# Consequence of maximum modulus principle [duplicate]

Let $$f$$ be continuous on the closed unit disc $$\overline D=\{z\in \mathbb C~:~|z|\leq 1\}$$ and analytic in the open unit disc $$D=\{z\in \mathbb C~:~|z|<1\}$$. Suppose that $$|f(z)|\leq a$$ on the set $$\{z\in \mathbb C~:~|z|=1, Im(z)\geq0\}$$ and $$|f(z)|\leq b$$ on the set $$\{z\in \mathbb C~:~|z|=1, Im(z)\leq 0\}$$. Then prove that $$|f(0)|\leq \sqrt{ab}$$.

How maximum modulus principle plays here to get an estimate for $$|f(0)|$$, Is there any role for $$f(-z)$$?

• What happens if you take $g(z)=f(z)f(-z)$? Especially noting that $g(0)=f(0)^2$... May 20, 2020 at 0:25

## 1 Answer

Define $$h(z) = f(z)f(-z)$$. One can quickly note that $$h(z)$$ is holomorphic on the open unit disk and continuous on $$\overline{D}$$ as it is a product of holomorphic/continuous functions.
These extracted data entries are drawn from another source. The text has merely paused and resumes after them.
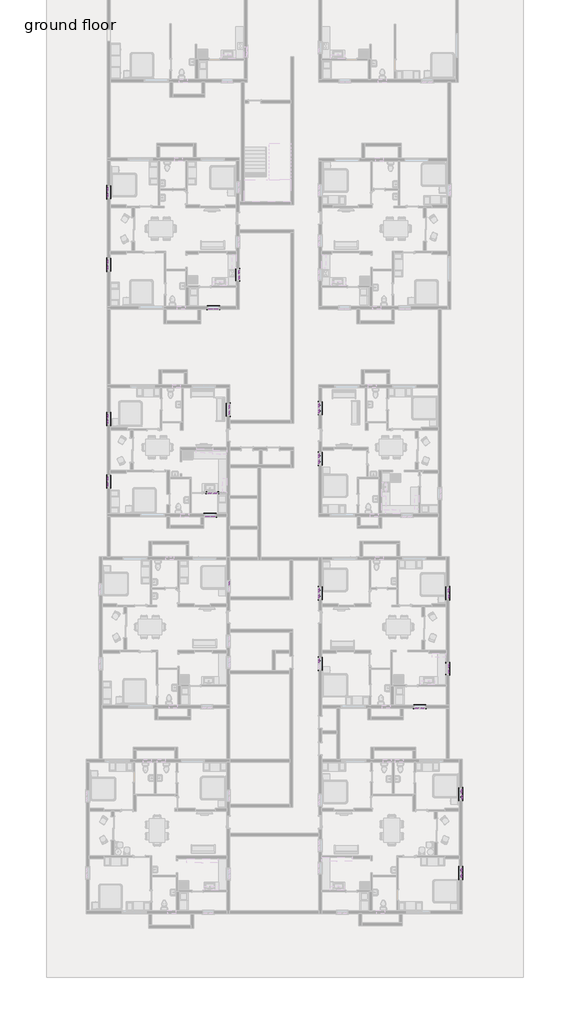
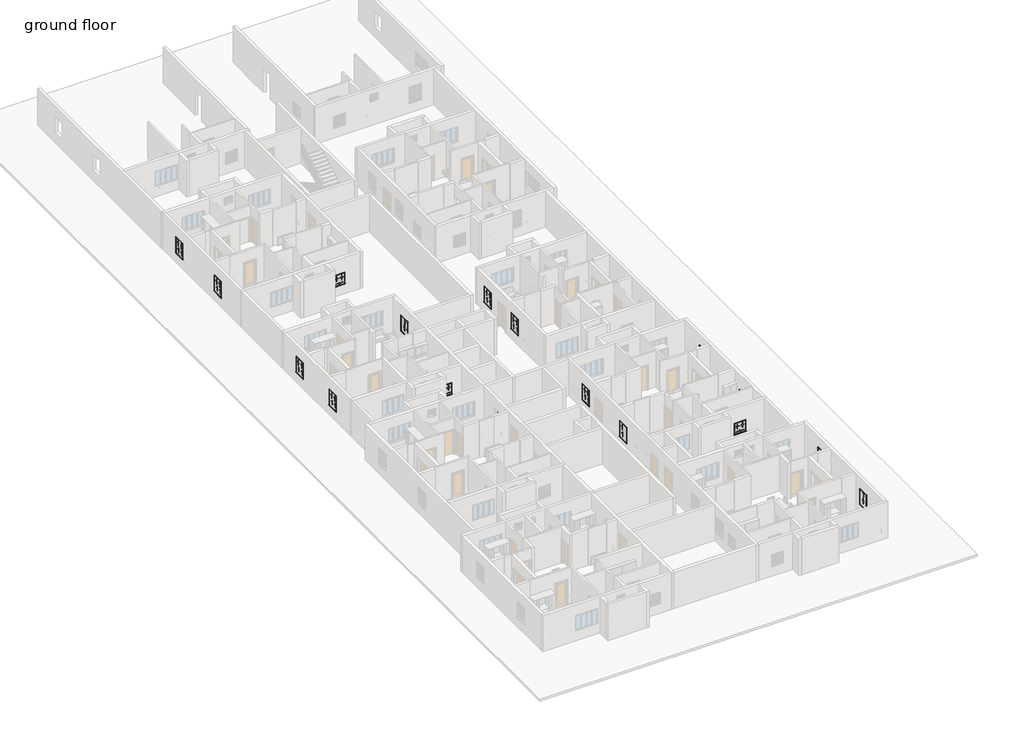
# One storey, part 15 of 16: 102 proxies.
"""IFC4 building model written with IfcOpenShell, lengths in millimetres."""

from ifc_helpers import new_model, si_unit, origin, place, context, project, spatial, transform, mapped, element, save
from components import muntin_pattern_2x2_muntin_pattern_2x2_cd1db81d, muntin_pattern_2x2_muntin_pattern_2x2_7c797e2d, muntin_pattern_2x2_muntin_pattern_2x2_78ce0566, muntin_pattern_2x2_muntin_pattern_2x2_27bf4e5b, muntin_pattern_2x2_muntin_pattern_2x2_8320156c, trim_window_exterior_flat_with_sill_fadbc092, trim_window_exterior_flat_with_sill_41619996, trim_window_interior_flat_picture_frame_db6fc9b7, trim_window_interior_flat_picture_frame_51c85655

model = new_model("IFC4")

# Units and contexts
model_context = context("Model", 3, world=origin())
ifc_project = project(units=[si_unit("LENGTHUNIT", "METRE", prefix="MILLI")], contexts=[model_context])

# Site, building, storey
site = spatial("IfcSite", under=ifc_project)
building = spatial("IfcBuilding", under=site)
storey = spatial("IfcBuildingStorey", under=building, Name="ground floor", Elevation=609.6)

# Proxies
placement = place(None, origin())
muntin_pattern_2x2_muntin_pattern_2x2_shape = muntin_pattern_2x2_muntin_pattern_2x2_cd1db81d(model_context)
element("IfcBuildingElementProxy", 1, Name="Muntin Pattern_2x2 : Muntin Pattern_2x2", ObjectType="Muntin Pattern_2x2 : Muntin Pattern_2x2", at=placement, inside=storey, context=model_context, shape_type="MappedRepresentation", body=[
    mapped(muntin_pattern_2x2_muntin_pattern_2x2_shape, transform((59391.4562819, 13667.0713152, 2206.625), x_axis=(0.0, 1.0, 0.0), y_axis=(-1.0, 0.0, 0.0), z_axis=(0.0, 0.0, 1.0))),
])
element("IfcBuildingElementProxy", 2, Name="Muntin Pattern_2x2 : Muntin Pattern_2x2", ObjectType="Muntin Pattern_2x2 : Muntin Pattern_2x2", at=placement, inside=storey, context=model_context, shape_type="MappedRepresentation", body=[
    mapped(muntin_pattern_2x2_muntin_pattern_2x2_shape, transform((59435.9062819, 13667.0713152, 1600.2), x_axis=(0.0, 1.0, 0.0), y_axis=(-1.0, 0.0, 0.0), z_axis=(0.0, 0.0, 1.0))),
])
element("IfcBuildingElementProxy", 3, Name="Muntin Pattern_2x2 : Muntin Pattern_2x2", ObjectType="Muntin Pattern_2x2 : Muntin Pattern_2x2", at=placement, inside=storey, context=model_context, shape_type="MappedRepresentation", body=[
    mapped(muntin_pattern_2x2_muntin_pattern_2x2_shape, transform((59391.4562819, 9780.8713152, 2206.625), x_axis=(0.0, 1.0, 0.0), y_axis=(-1.0, 0.0, 0.0), z_axis=(0.0, 0.0, 1.0))),
])
element("IfcBuildingElementProxy", 4, Name="Muntin Pattern_2x2 : Muntin Pattern_2x2", ObjectType="Muntin Pattern_2x2 : Muntin Pattern_2x2", at=placement, inside=storey, context=model_context, shape_type="MappedRepresentation", body=[
    mapped(muntin_pattern_2x2_muntin_pattern_2x2_shape, transform((59435.9062819, 9780.8713152, 1600.2), x_axis=(0.0, 1.0, 0.0), y_axis=(-1.0, 0.0, 0.0), z_axis=(0.0, 0.0, 1.0))),
])
element("IfcBuildingElementProxy", 5, Name="Muntin Pattern_2x2 : Muntin Pattern_2x2", ObjectType="Muntin Pattern_2x2 : Muntin Pattern_2x2", at=placement, inside=storey, context=model_context, shape_type="MappedRepresentation", body=[
    mapped(muntin_pattern_2x2_muntin_pattern_2x2_shape, transform((69329.2062819, -993.7176164, 2206.625), x_axis=(0.0, -1.0, 0.0), y_axis=(1.0, 0.0, 0.0), z_axis=(0.0, 0.0, 1.0))),
])
element("IfcBuildingElementProxy", 6, Name="Muntin Pattern_2x2 : Muntin Pattern_2x2", ObjectType="Muntin Pattern_2x2 : Muntin Pattern_2x2", at=placement, inside=storey, context=model_context, shape_type="MappedRepresentation", body=[
    mapped(muntin_pattern_2x2_muntin_pattern_2x2_shape, transform((69284.7562819, -993.7176164, 1600.2), x_axis=(0.0, -1.0, 0.0), y_axis=(1.0, 0.0, 0.0), z_axis=(0.0, 0.0, 1.0))),
])
element("IfcBuildingElementProxy", 7, Name="Muntin Pattern_2x2 : Muntin Pattern_2x2", ObjectType="Muntin Pattern_2x2 : Muntin Pattern_2x2", at=placement, inside=storey, context=model_context, shape_type="MappedRepresentation", body=[
    mapped(muntin_pattern_2x2_muntin_pattern_2x2_shape, transform((59391.4562819, -5948.3051164, 2206.625), x_axis=(0.0, 1.0, 0.0), y_axis=(-1.0, 0.0, 0.0), z_axis=(0.0, 0.0, 1.0))),
])
element("IfcBuildingElementProxy", 8, Name="Muntin Pattern_2x2 : Muntin Pattern_2x2", ObjectType="Muntin Pattern_2x2 : Muntin Pattern_2x2", at=placement, inside=storey, context=model_context, shape_type="MappedRepresentation", body=[
    mapped(muntin_pattern_2x2_muntin_pattern_2x2_shape, transform((59435.9062819, -5948.3051164, 1600.2), x_axis=(0.0, 1.0, 0.0), y_axis=(-1.0, 0.0, 0.0), z_axis=(0.0, 0.0, 1.0))),
])
element("IfcBuildingElementProxy", 9, Name="Muntin Pattern_2x2 : Muntin Pattern_2x2", ObjectType="Muntin Pattern_2x2 : Muntin Pattern_2x2", at=placement, inside=storey, context=model_context, shape_type="MappedRepresentation", body=[
    mapped(muntin_pattern_2x2_muntin_pattern_2x2_shape, transform((70332.5062819, -22465.6221086, 2206.625), x_axis=(0.0, -1.0, 0.0), y_axis=(1.0, 0.0, 0.0), z_axis=(0.0, 0.0, 1.0))),
])
element("IfcBuildingElementProxy", 10, Name="Muntin Pattern_2x2 : Muntin Pattern_2x2", ObjectType="Muntin Pattern_2x2 : Muntin Pattern_2x2", at=placement, inside=storey, context=model_context, shape_type="MappedRepresentation", body=[
    mapped(muntin_pattern_2x2_muntin_pattern_2x2_shape, transform((70288.0562819, -22465.6221086, 1600.2), x_axis=(0.0, -1.0, 0.0), y_axis=(1.0, 0.0, 0.0), z_axis=(0.0, 0.0, 1.0))),
])
element("IfcBuildingElementProxy", 11, Name="Muntin Pattern_2x2 : Muntin Pattern_2x2", ObjectType="Muntin Pattern_2x2 : Muntin Pattern_2x2", at=placement, inside=storey, context=model_context, shape_type="MappedRepresentation", body=[
    mapped(muntin_pattern_2x2_muntin_pattern_2x2_shape, transform((70332.5062819, -16407.8428409, 2206.625), x_axis=(0.0, -1.0, 0.0), y_axis=(1.0, 0.0, 0.0), z_axis=(0.0, 0.0, 1.0))),
])
element("IfcBuildingElementProxy", 12, Name="Muntin Pattern_2x2 : Muntin Pattern_2x2", ObjectType="Muntin Pattern_2x2 : Muntin Pattern_2x2", at=placement, inside=storey, context=model_context, shape_type="MappedRepresentation", body=[
    mapped(muntin_pattern_2x2_muntin_pattern_2x2_shape, transform((70288.0562819, -16407.8428409, 1600.2), x_axis=(0.0, -1.0, 0.0), y_axis=(1.0, 0.0, 0.0), z_axis=(0.0, 0.0, 1.0))),
])
element("IfcBuildingElementProxy", 13, Name="Muntin Pattern_2x2 : Muntin Pattern_2x2", ObjectType="Muntin Pattern_2x2 : Muntin Pattern_2x2", at=placement, inside=storey, context=model_context, shape_type="MappedRepresentation", body=[
    mapped(muntin_pattern_2x2_muntin_pattern_2x2_shape, transform((59391.4562819, -538.1051164, 2206.625), x_axis=(0.0, 1.0, 0.0), y_axis=(-1.0, 0.0, 0.0), z_axis=(0.0, 0.0, 1.0))),
])
element("IfcBuildingElementProxy", 14, Name="Muntin Pattern_2x2 : Muntin Pattern_2x2", ObjectType="Muntin Pattern_2x2 : Muntin Pattern_2x2", at=placement, inside=storey, context=model_context, shape_type="MappedRepresentation", body=[
    mapped(muntin_pattern_2x2_muntin_pattern_2x2_shape, transform((59435.9062819, -538.1051164, 1600.2), x_axis=(0.0, 1.0, 0.0), y_axis=(-1.0, 0.0, 0.0), z_axis=(0.0, 0.0, 1.0))),
])
element("IfcBuildingElementProxy", 15, Name="Muntin Pattern_2x2 : Muntin Pattern_2x2", ObjectType="Muntin Pattern_2x2 : Muntin Pattern_2x2", at=placement, inside=storey, context=model_context, shape_type="MappedRepresentation", body=[
    mapped(muntin_pattern_2x2_muntin_pattern_2x2_shape, transform((43176.551243, 8028.2713152, 2206.625), x_axis=(0.0, 1.0, 0.0), y_axis=(-1.0, 0.0, 0.0), z_axis=(0.0, 0.0, 1.0))),
])
element("IfcBuildingElementProxy", 16, Name="Muntin Pattern_2x2 : Muntin Pattern_2x2", ObjectType="Muntin Pattern_2x2 : Muntin Pattern_2x2", at=placement, inside=storey, context=model_context, shape_type="MappedRepresentation", body=[
    mapped(muntin_pattern_2x2_muntin_pattern_2x2_shape, transform((43221.001243, 8028.2713152, 1600.2), x_axis=(0.0, 1.0, 0.0), y_axis=(-1.0, 0.0, 0.0), z_axis=(0.0, 0.0, 1.0))),
])
element("IfcBuildingElementProxy", 17, Name="Muntin Pattern_2x2 : Muntin Pattern_2x2", ObjectType="Muntin Pattern_2x2 : Muntin Pattern_2x2", at=placement, inside=storey, context=model_context, shape_type="MappedRepresentation", body=[
    mapped(muntin_pattern_2x2_muntin_pattern_2x2_shape, transform((52504.701243, 13090.5355393, 2206.625), x_axis=(0.0, -1.0, 0.0), y_axis=(1.0, 0.0, 0.0), z_axis=(0.0, 0.0, 1.0))),
])
element("IfcBuildingElementProxy", 18, Name="Muntin Pattern_2x2 : Muntin Pattern_2x2", ObjectType="Muntin Pattern_2x2 : Muntin Pattern_2x2", at=placement, inside=storey, context=model_context, shape_type="MappedRepresentation", body=[
    mapped(muntin_pattern_2x2_muntin_pattern_2x2_shape, transform((52460.251243, 13090.5355393, 1600.2), x_axis=(0.0, -1.0, 0.0), y_axis=(1.0, 0.0, 0.0), z_axis=(0.0, 0.0, 1.0))),
])
element("IfcBuildingElementProxy", 19, Name="Muntin Pattern_2x2 : Muntin Pattern_2x2", ObjectType="Muntin Pattern_2x2 : Muntin Pattern_2x2", at=placement, inside=storey, context=model_context, shape_type="MappedRepresentation", body=[
    mapped(muntin_pattern_2x2_muntin_pattern_2x2_shape, transform((43176.551243, 12828.8713152, 2206.625), x_axis=(0.0, 1.0, 0.0), y_axis=(-1.0, 0.0, 0.0), z_axis=(0.0, 0.0, 1.0))),
])
element("IfcBuildingElementProxy", 20, Name="Muntin Pattern_2x2 : Muntin Pattern_2x2", ObjectType="Muntin Pattern_2x2 : Muntin Pattern_2x2", at=placement, inside=storey, context=model_context, shape_type="MappedRepresentation", body=[
    mapped(muntin_pattern_2x2_muntin_pattern_2x2_shape, transform((43221.001243, 12828.8713152, 1600.2), x_axis=(0.0, 1.0, 0.0), y_axis=(-1.0, 0.0, 0.0), z_axis=(0.0, 0.0, 1.0))),
])
element("IfcBuildingElementProxy", 21, Name="Muntin Pattern_2x2 : Muntin Pattern_2x2", ObjectType="Muntin Pattern_2x2 : Muntin Pattern_2x2", at=placement, inside=storey, context=model_context, shape_type="MappedRepresentation", body=[
    mapped(muntin_pattern_2x2_muntin_pattern_2x2_shape, transform((43176.551243, 24665.2713152, 2206.625), x_axis=(0.0, 1.0, 0.0), y_axis=(-1.0, 0.0, 0.0), z_axis=(0.0, 0.0, 1.0))),
])
element("IfcBuildingElementProxy", 22, Name="Muntin Pattern_2x2 : Muntin Pattern_2x2", ObjectType="Muntin Pattern_2x2 : Muntin Pattern_2x2", at=placement, inside=storey, context=model_context, shape_type="MappedRepresentation", body=[
    mapped(muntin_pattern_2x2_muntin_pattern_2x2_shape, transform((43221.001243, 24665.2713152, 1600.2), x_axis=(0.0, 1.0, 0.0), y_axis=(-1.0, 0.0, 0.0), z_axis=(0.0, 0.0, 1.0))),
])
element("IfcBuildingElementProxy", 23, Name="Muntin Pattern_2x2 : Muntin Pattern_2x2", ObjectType="Muntin Pattern_2x2 : Muntin Pattern_2x2", at=placement, inside=storey, context=model_context, shape_type="MappedRepresentation", body=[
    mapped(muntin_pattern_2x2_muntin_pattern_2x2_shape, transform((43176.551243, 30227.8713152, 2206.625), x_axis=(0.0, 1.0, 0.0), y_axis=(-1.0, 0.0, 0.0), z_axis=(0.0, 0.0, 1.0))),
])
element("IfcBuildingElementProxy", 24, Name="Muntin Pattern_2x2 : Muntin Pattern_2x2", ObjectType="Muntin Pattern_2x2 : Muntin Pattern_2x2", at=placement, inside=storey, context=model_context, shape_type="MappedRepresentation", body=[
    mapped(muntin_pattern_2x2_muntin_pattern_2x2_shape, transform((43221.001243, 30227.8713152, 1600.2), x_axis=(0.0, 1.0, 0.0), y_axis=(-1.0, 0.0, 0.0), z_axis=(0.0, 0.0, 1.0))),
])
muntin_pattern_2x2_muntin_pattern_2x2_2_shape = muntin_pattern_2x2_muntin_pattern_2x2_7c797e2d(model_context)
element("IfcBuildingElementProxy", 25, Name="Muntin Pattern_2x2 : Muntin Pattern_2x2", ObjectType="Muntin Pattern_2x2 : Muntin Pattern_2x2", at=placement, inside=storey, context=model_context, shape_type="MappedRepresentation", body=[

By the maximum modulus principle applied to $$h$$, we have that there exists $$z_0 \in \partial D$$ such that $$|h(z)| \leq |h(z_0)|$$ for all $$z \in \overline{D}$$. Without loss of generality, one can assume that $$z_0 \in \{z\in \mathbb C~:~|z|=1, \space \text{Im}(z)\geq0\}$$ Then $$-z_0 \in \{z\in \mathbb C~:~|z|=1, \space \text{Im}(z)\leq 0\}$$. Can you finish?